浅夢物語

□逢えない
1ページ/2ページ







またこの季節が来た。

この季節になると、必ずあの木の下のベンチに座っているおばあちゃん。
ベンチの隅っこにちょこんと腰掛けて、静かに見上げている。

話したことは無いけど、父さんの話だと、父さんが子供の頃から、毎年座っているらしい。
この近所に住んでいるわけではないのか、この季節にしか見掛けない。

誰かに迷惑をかけるでも、誰かの同情をひこうとしてるでもなく。
ただただ静かに座っている。
可愛らしくて小柄で、髪を横で緩く一つ縛りにした、着物を着たおばあちゃん。



僕は大学進学の時に上京して、成人式と、結婚式の為に帰ってきた。
結婚式を挙げるなら、地元が一番綺麗な時に、と。

そして、やっぱり、あのおばあちゃんは座っていた。


からかいとか、興味本意ではなく、ただ話しかけた。



「こんにちは」

声をかけると、顔を上げて一瞬ハッとした。けど、それはすぐに笑顔の中に消えた。

「こんにちは」

「毎年座っていますよね、ここ」

「えぇ…ずーっと昔の約束なの。

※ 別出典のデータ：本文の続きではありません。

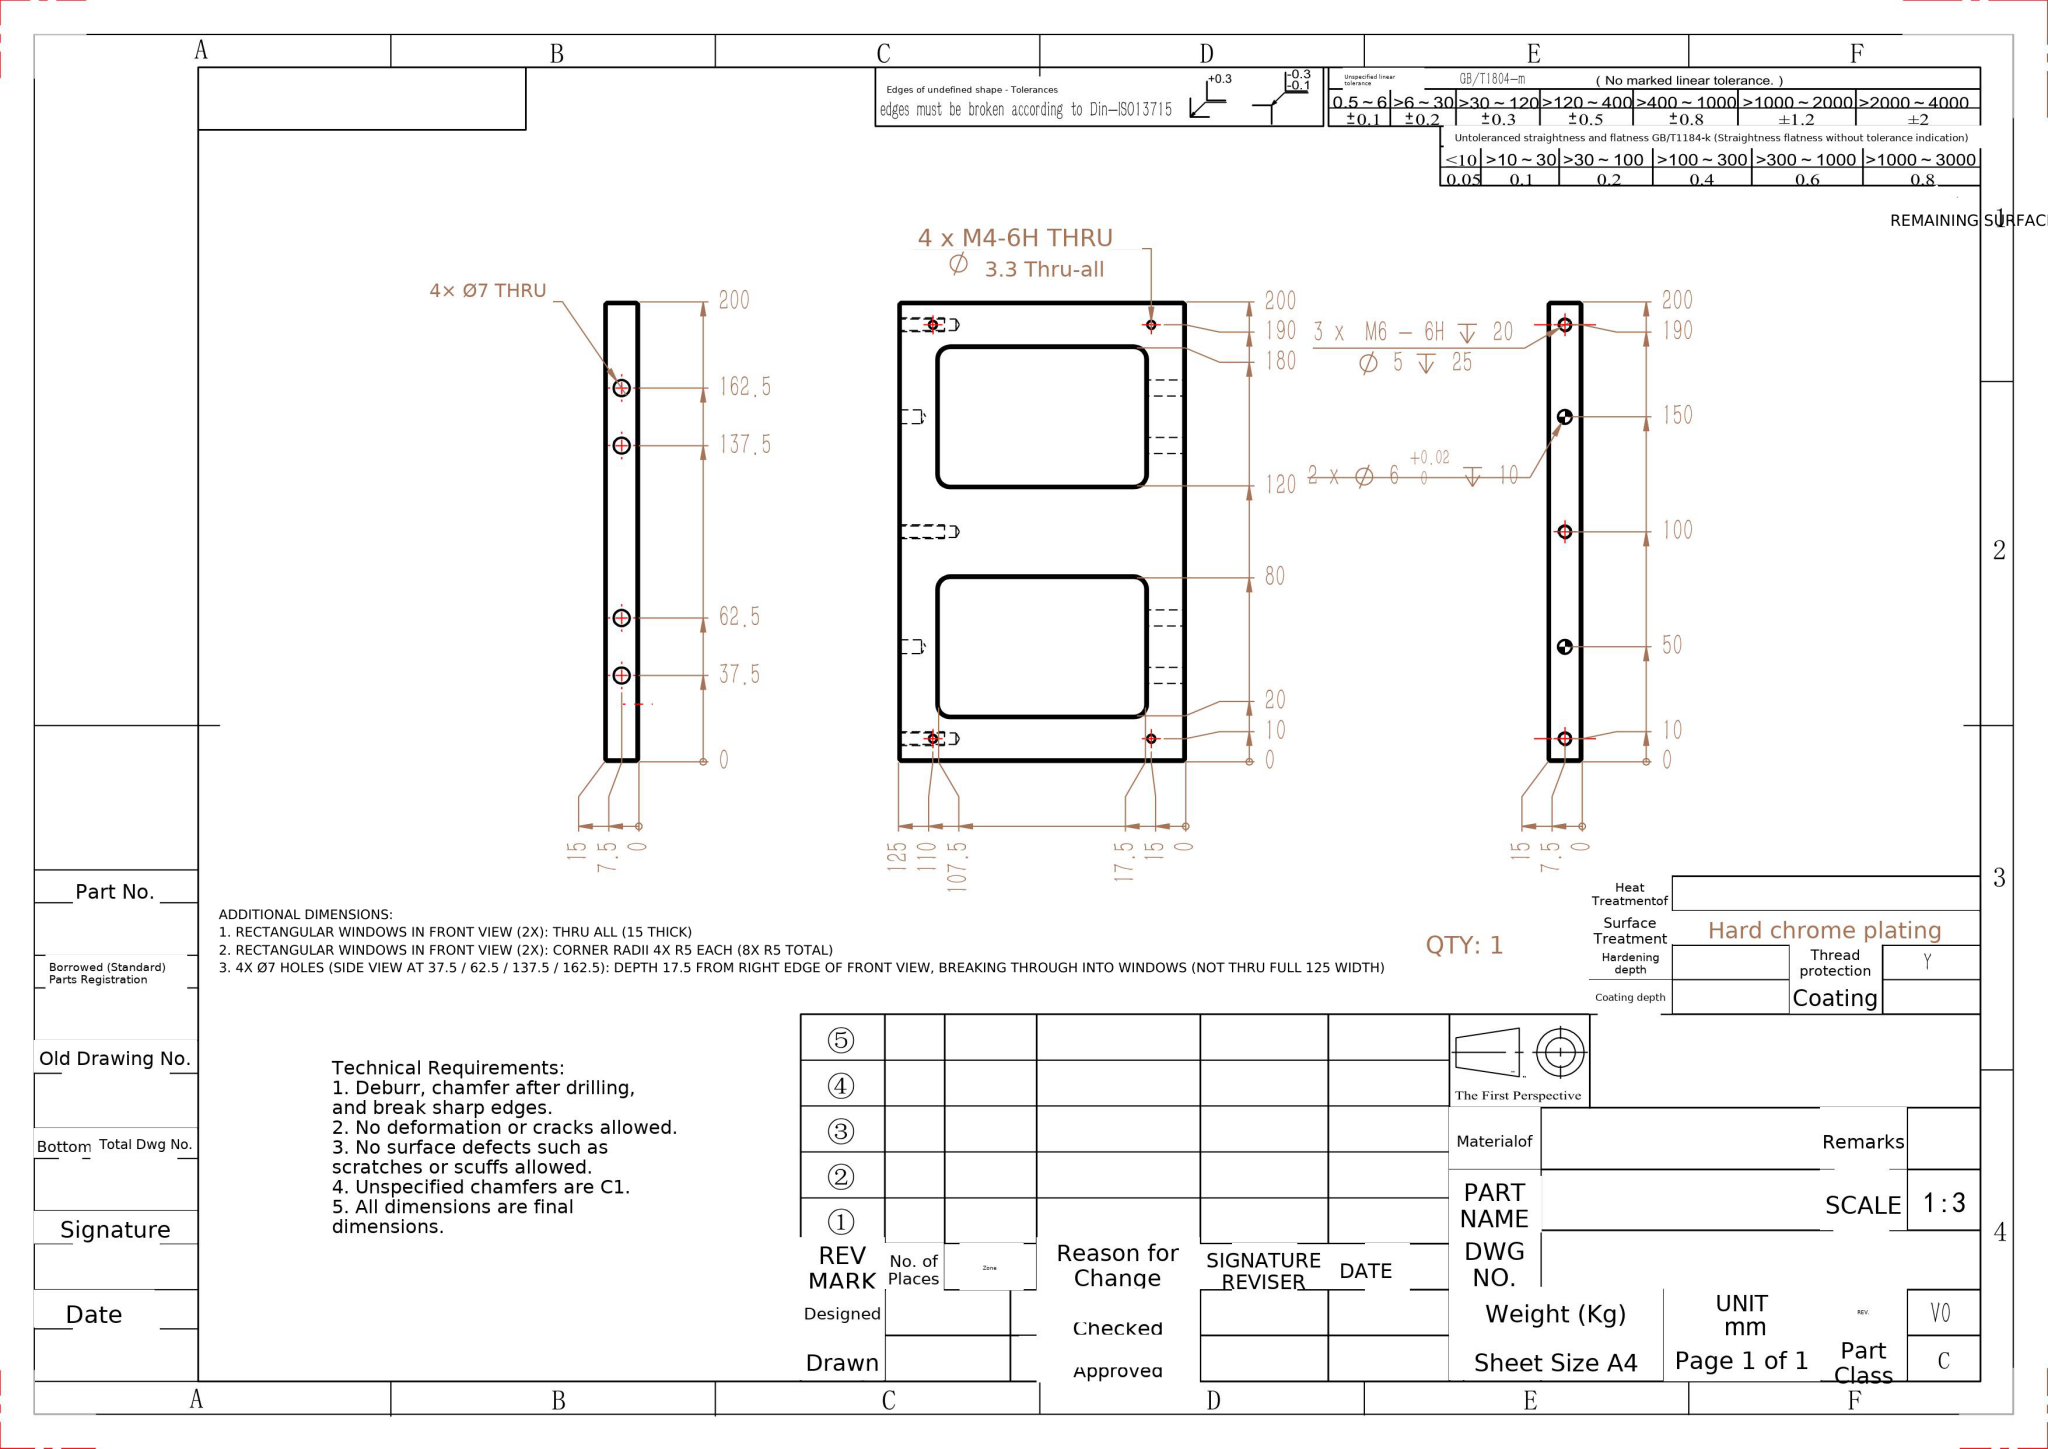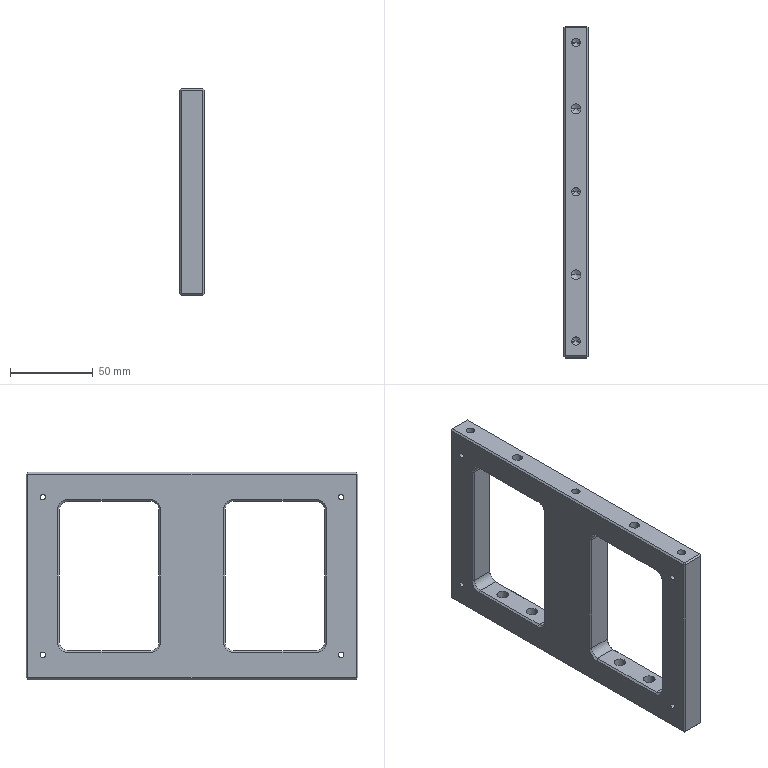Part | NX | mm | 1 solid | 114 faces | box 15 x 200 x 125 mm | volume 207154 mm3 | plane 50 | cylinder 38 | cone 26 | commonest cylinder face diameters 3.3 x12 7 x8 10 x8 5 x6 6 x4

『必ず、この満開の木の下で逢おう』って」


枝に溢れんばかりの花弁が色付き染まるこの季節。


「もう随分経つんですか?」

「そうね……探すのに時間がかかってしまったから、遅かったのかしらね」

「そういえば…似たような話を聞いたことが――……






父さんが、僕のおじいちゃん…父さんの父さんの話をしてくれたことがあった。

僕がおじいちゃんに会ったことはない。
父さんが小さい頃に亡くなったらしい。
写真の中のおじいちゃんしか知らない。写真のおじいちゃんはすごくかっこいい人だった。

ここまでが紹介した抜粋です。